# Veto Pro Pack



## Speedy Petey (Jan 10, 2007)

Well, I went and got me one. The small OT looked to be the best for what I need. I have a cheap version about the same size and didn't think I needed/wanted more room. The damn thing is heavy enough empty.

OK. Question. What the heck are those four round velcro dots for???? :001_huh:


----------



## B4T (Feb 10, 2009)

Speedy Petey said:


> Well, I went and got me one. The small OT looked to be the best for what I need. I have a cheap version about the same size and didn't think I needed/wanted more room. The damn thing is heavy enough empty.
> 
> OK. Question. What the heck are those four round velcro dots for???? :001_huh:


What is a pro-pack :blink:


----------



## Advanced37 (Jan 11, 2010)

http://www.google.com/products?q=Ve...esult_group&ct=image&resnum=3&ved=0CCgQzAMwAg


----------



## BuzzKill (Oct 27, 2008)

that's one fancy bag


----------



## drsparky (Nov 13, 2008)

I got a similar type at Lowe's for about $40.00. It also has mystery Velcro on the lower front and back.


----------



## gilbequick (Oct 6, 2007)

Speedy Petey said:


> OK. Question. What the heck are those four round velcro dots for???? :001_huh:


Ha, they're to hold the shoulder strap up top at the handle. Look at the topside of the shoulder strap, it's covered in a velcro like material. 

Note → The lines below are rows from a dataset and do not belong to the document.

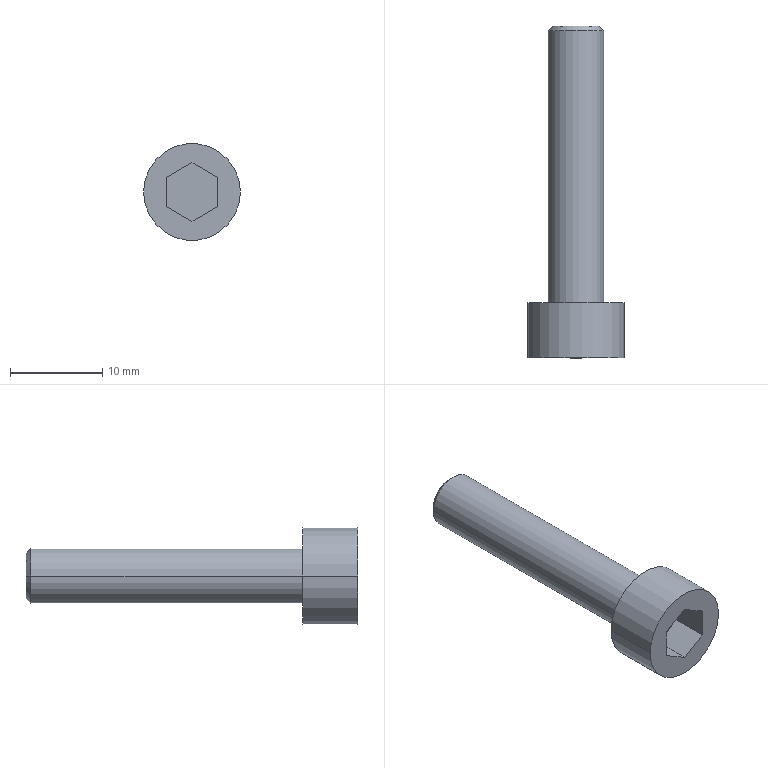Component | SolidWorks | M6x30HexSocketCap-1 | 1 solid | 16 faces | box 10.5 x 36 x 10.5 mm | volume 1261 mm3 | plane 10 | cylinder 4 | cone 2 | commonest cylinder face diameters 6 x2 10.5 x2 | material #45
build123d program:
from build123d import *

# Parameters (mm, degrees)
CUT_EXTRUDE1_DEPTH = 4


with BuildPart() as part:
    # Sketch1 → Revolve1 (revolve)
    with BuildSketch(Plane(origin=(0, 0, 0), x_dir=(1, 0, 0), z_dir=(0, 1, 0)), mode=Mode.PRIVATE) as revolve1_sk:
        Polygon((0, 36), (-5.25, 36), (-5.25, 30), (-3, 30), (-3, 0.5), (-2.5, 0), (0, 0), align=None)
    revolve(revolve1_sk.sketch.rotate(Axis((0, 0, 0), (0, 0, -1)), 180), axis=Axis((0, 0, 0), (0, 0, -1)))

    # Sketch2 → Cut-Extrude1 (cut)
    with BuildSketch(Plane(origin=(0, 0, -36), x_dir=(-1, 0, 0), z_dir=(0, 0, -1))):
        Polygon((0, 3.175), (-2.75, 1.588), (-2.75, -1.588), (0, -3.175), (2.75, -1.588), (2.75, 1.588), align=None)
    extrude(amount=-CUT_EXTRUDE1_DEPTH, mode=Mode.SUBTRACT)


solid = part.part

# Placed as in the assembly
solid = solid.moved(Location((-63, 340.7, 7.5), (-90, 0, 0)))
STEP:
#1=COLOUR_RGB('',0.7922,0.8196,0.9333);
#2=FILL_AREA_STYLE_COLOUR('',#1);
#3=FILL_AREA_STYLE('',(#2));
#4=SURFACE_STYLE_FILL_AREA(#3);
#5=SURFACE_SIDE_STYLE('',(#4));
#6=SURFACE_STYLE_USAGE(.BOTH.,#5);
#7=PRESENTATION_STYLE_ASSIGNMENT((#6));
#8=CARTESIAN_POINT('',(-2.382,13.413,0.2953));
#9=VERTEX_POINT('',#8);
#10=CARTESIAN_POINT('',(-2.579,13.413,0.2953));
#11=VERTEX_POINT('',#10);
#12=CARTESIAN_POINT('',(-2.48,13.413,0.2953));
#13=DIRECTION('',(0.,1.,-0.));
#14=DIRECTION('',(1.,0.,0.));
#15=AXIS2_PLACEMENT_3D('',#12,#13,#14);
#16=CIRCLE('',#15,0.09843);
#17=EDGE_CURVE('',#9,#11,#16,.T.);
#18=ORIENTED_EDGE('',*,*,#17,.F.);
#19=CARTESIAN_POINT('',(-2.362,13.394,0.2953));
#20=VERTEX_POINT('',#19);
#21=CARTESIAN_POINT('',(-2.362,13.394,0.2953));
#22=DIRECTION('',(0.7071,-0.7071,-0.));
#23=VECTOR('',#22,39.37);
#24=LINE('',#21,#23);
#25=EDGE_CURVE('',#9,#20,#24,.T.);
#26=ORIENTED_EDGE('',*,*,#25,.T.);
#27=CARTESIAN_POINT('',(-2.598,13.394,0.2953));
#28=VERTEX_POINT('',#27);
#29=CARTESIAN_POINT('',(-2.48,13.394,0.2953));
#30=DIRECTION('',(0.,1.,-0.));
#31=DIRECTION('',(1.,0.,0.));
#32=AXIS2_PLACEMENT_3D('',#29,#30,#31);
#33=CIRCLE('',#32,0.1181);
#34=EDGE_CURVE('',#20,#28,#33,.T.);
#35=ORIENTED_EDGE('',*,*,#34,.T.);
#36=CARTESIAN_POINT('',(-2.598,13.394,0.2953));
#37=DIRECTION('',(-0.7071,-0.7071,0.));
#38=VECTOR('',#37,39.37);
#39=LINE('',#36,#38);
#40=EDGE_CURVE('',#11,#28,#39,.T.);
#41=ORIENTED_EDGE('',*,*,#40,.F.);
#42=EDGE_LOOP('',(#18,#26,#35,#41));
#43=FACE_OUTER_BOUND('',#42,.T.);
#44=CARTESIAN_POINT('',(-2.48,13.394,0.2953));
#45=DIRECTION('',(-0.,-1.,0.));
#46=DIRECTION('',(-1.,0.,0.));
#47=AXIS2_PLACEMENT_3D('',#44,#45,#46);
#48=CONICAL_SURFACE('',#47,0.1181,0.7854);
#49=ADVANCED_FACE('',(#43),#48,.T.);
#50=CARTESIAN_POINT('',(-2.362,12.232,0.2953));
#51=VERTEX_POINT('',#50);
#52=CARTESIAN_POINT('',(-2.598,12.232,0.2953));
#53=VERTEX_POINT('',#52);
#54=CARTESIAN_POINT('',(-2.48,12.232,0.2953));
#55=DIRECTION('',(0.,1.,-0.));
#56=DIRECTION('',(1.,0.,0.));
#57=AXIS2_PLACEMENT_3D('',#54,#55,#56);
#58=CIRCLE('',#57,0.1181);
#59=EDGE_CURVE('',#51,#53,#58,.T.);
#60=ORIENTED_EDGE('',*,*,#59,.T.);
#61=CARTESIAN_POINT('',(-2.598,13.413,0.2953));
#62=DIRECTION('',(0.,1.,-0.));
#63=VECTOR('',#62,39.37);
#64=LINE('',#61,#63);
#65=EDGE_CURVE('',#53,#28,#64,.T.);
#66=ORIENTED_EDGE('',*,*,#65,.T.);
#67=ORIENTED_EDGE('',*,*,#34,.F.);
#68=CARTESIAN_POINT('',(-2.362,13.413,0.2953));
#69=DIRECTION('',(0.,1.,-0.));
#70=VECTOR('',#69,39.37);
#71=LINE('',#68,#70);
#72=EDGE_CURVE('',#51,#20,#71,.T.);
#73=ORIENTED_EDGE('',*,*,#72,.F.);
#74=EDGE_LOOP('',(#60,#66,#67,#73));
#75=FACE_OUTER_BOUND('',#74,.T.);
#76=CARTESIAN_POINT('',(-2.48,13.413,0.2953));
#77=DIRECTION('',(0.,1.,-0.));
#78=DIRECTION('',(1.,0.,0.));
#79=AXIS2_PLACEMENT_3D('',#76,#77,#78);
#80=CYLINDRICAL_SURFACE('',#79,0.1181);
#81=ADVANCED_FACE('',(#75),#80,.T.);
#82=CARTESIAN_POINT('',(-2.274,11.996,0.2953));
#83=VERTEX_POINT('',#82);
#84=CARTESIAN_POINT('',(-2.687,11.996,0.2953));
#85=VERTEX_POINT('',#84);
#86=CARTESIAN_POINT('',(-2.48,11.996,0.2953));
#87=DIRECTION('',(0.,1.,-0.));
#88=DIRECTION('',(1.,0.,0.));
#89=AXIS2_PLACEMENT_3D('',#86,#87,#88);
#90=CIRCLE('',#89,0.2067);
#91=EDGE_CURVE('',#83,#85,#90,.T.);
#92=ORIENTED_EDGE('',*,*,#91,.T.);
#93=CARTESIAN_POINT('',(-2.687,12.232,0.2953));
#94=VERTEX_POINT('',#93);
#95=CARTESIAN_POINT('',(-2.687,13.413,0.2953));
#96=DIRECTION('',(0.,1.,-0.));
#97=VECTOR('',#96,39.37);
#98=LINE('',#95,#97);
#99=EDGE_CURVE('',#85,#94,#98,.T.);
#100=ORIENTED_EDGE('',*,*,#99,.T.);
#101=CARTESIAN_POINT('',(-2.274,12.232,0.2953));
#102=VERTEX_POINT('',#101);
#103=CARTESIAN_POINT('',(-2.48,12.232,0.2953));
#104=DIRECTION('',(0.,1.,-0.));
#105=DIRECTION('',(1.,0.,0.));
#106=AXIS2_PLACEMENT_3D('',#103,#104,#105);
#107=CIRCLE('',#106,0.2067);
#108=EDGE_CURVE('',#102,#94,#107,.T.);
#109=ORIENTED_EDGE('',*,*,#108,.F.);
#110=CARTESIAN_POINT('',(-2.274,13.413,0.2953));
#111=DIRECTION('',(0.,1.,-0.));
#112=VECTOR('',#111,39.37);
#113=LINE('',#110,#112);
#114=EDGE_CURVE('',#83,#102,#113,.T.);
#115=ORIENTED_EDGE('',*,*,#114,.F.);
#116=EDGE_LOOP('',(#92,#100,#109,#115));
#117=FACE_OUTER_BOUND('',#116,.T.);
#118=CARTESIAN_POINT('',(-2.48,13.413,0.2953));
#119=DIRECTION('',(0.,1.,-0.));
#120=DIRECTION('',(1.,0.,0.));
#121=AXIS2_PLACEMENT_3D('',#118,#119,#120);
#122=CYLINDRICAL_SURFACE('',#121,0.2067);
#123=ADVANCED_FACE('',(#117),#122,.T.);
#124=CARTESIAN_POINT('',(-2.48,11.996,0.1703));
#125=VERTEX_POINT('',#124);
#126=CARTESIAN_POINT('',(-2.372,11.996,0.2328));
#127=VERTEX_POINT('',#126);
#128=CARTESIAN_POINT('',(-2.48,11.996,0.1703));
#129=DIRECTION('',(0.866,0.,0.5));
#130=VECTOR('',#129,39.37);
#131=LINE('',#128,#130);
#132=EDGE_CURVE('',#125,#127,#131,.T.);
#133=ORIENTED_EDGE('',*,*,#132,.F.);
#134=CARTESIAN_POINT('',(-2.589,11.996,0.2328));
#135=VERTEX_POINT('',#134);
#136=CARTESIAN_POINT('',(-2.589,11.996,0.2328));
#137=DIRECTION('',(0.866,-0.,-0.5));
#138=VECTOR('',#137,39.37);
#139=LINE('',#136,#138);
#140=EDGE_CURVE('',#135,#125,#139,.T.);
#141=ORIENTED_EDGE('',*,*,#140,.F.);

I use it sometimes, but on mine, the XL, it doesn't do that great at keeping it up there.


----------



## Speedy Petey (Jan 10, 2007)

gilbequick said:


> Ha, they're to hold the shoulder strap up top at the handle. Look at the topside of the shoulder strap, it's covered in a velcro like material.
> 
> I use it sometimes, but on mine, the XL, it doesn't do that great at keeping it up there.


Ahhhh. I see. 

I was questioning even using the shoulder strap, but wanted to try it for a while. That may help. 

Thanks for the info. :thumbsup:


----------



## gilbequick (Oct 6, 2007)

BTW, don't forget to post a pic in the Tool Bag thread :thumbsup:.


----------



## Speedy Petey (Jan 10, 2007)

I was thinking of that when I do the changeover. Maybe I'll do the;_ before,_ _lay out everything on the floor, after,_ shots .


----------



## Frasbee (Apr 7, 2008)

I'm not a huge fan of the closed top XXL Framer. It's too short for even a pair of 10'' channels. At least, it is when you want to zipper it up.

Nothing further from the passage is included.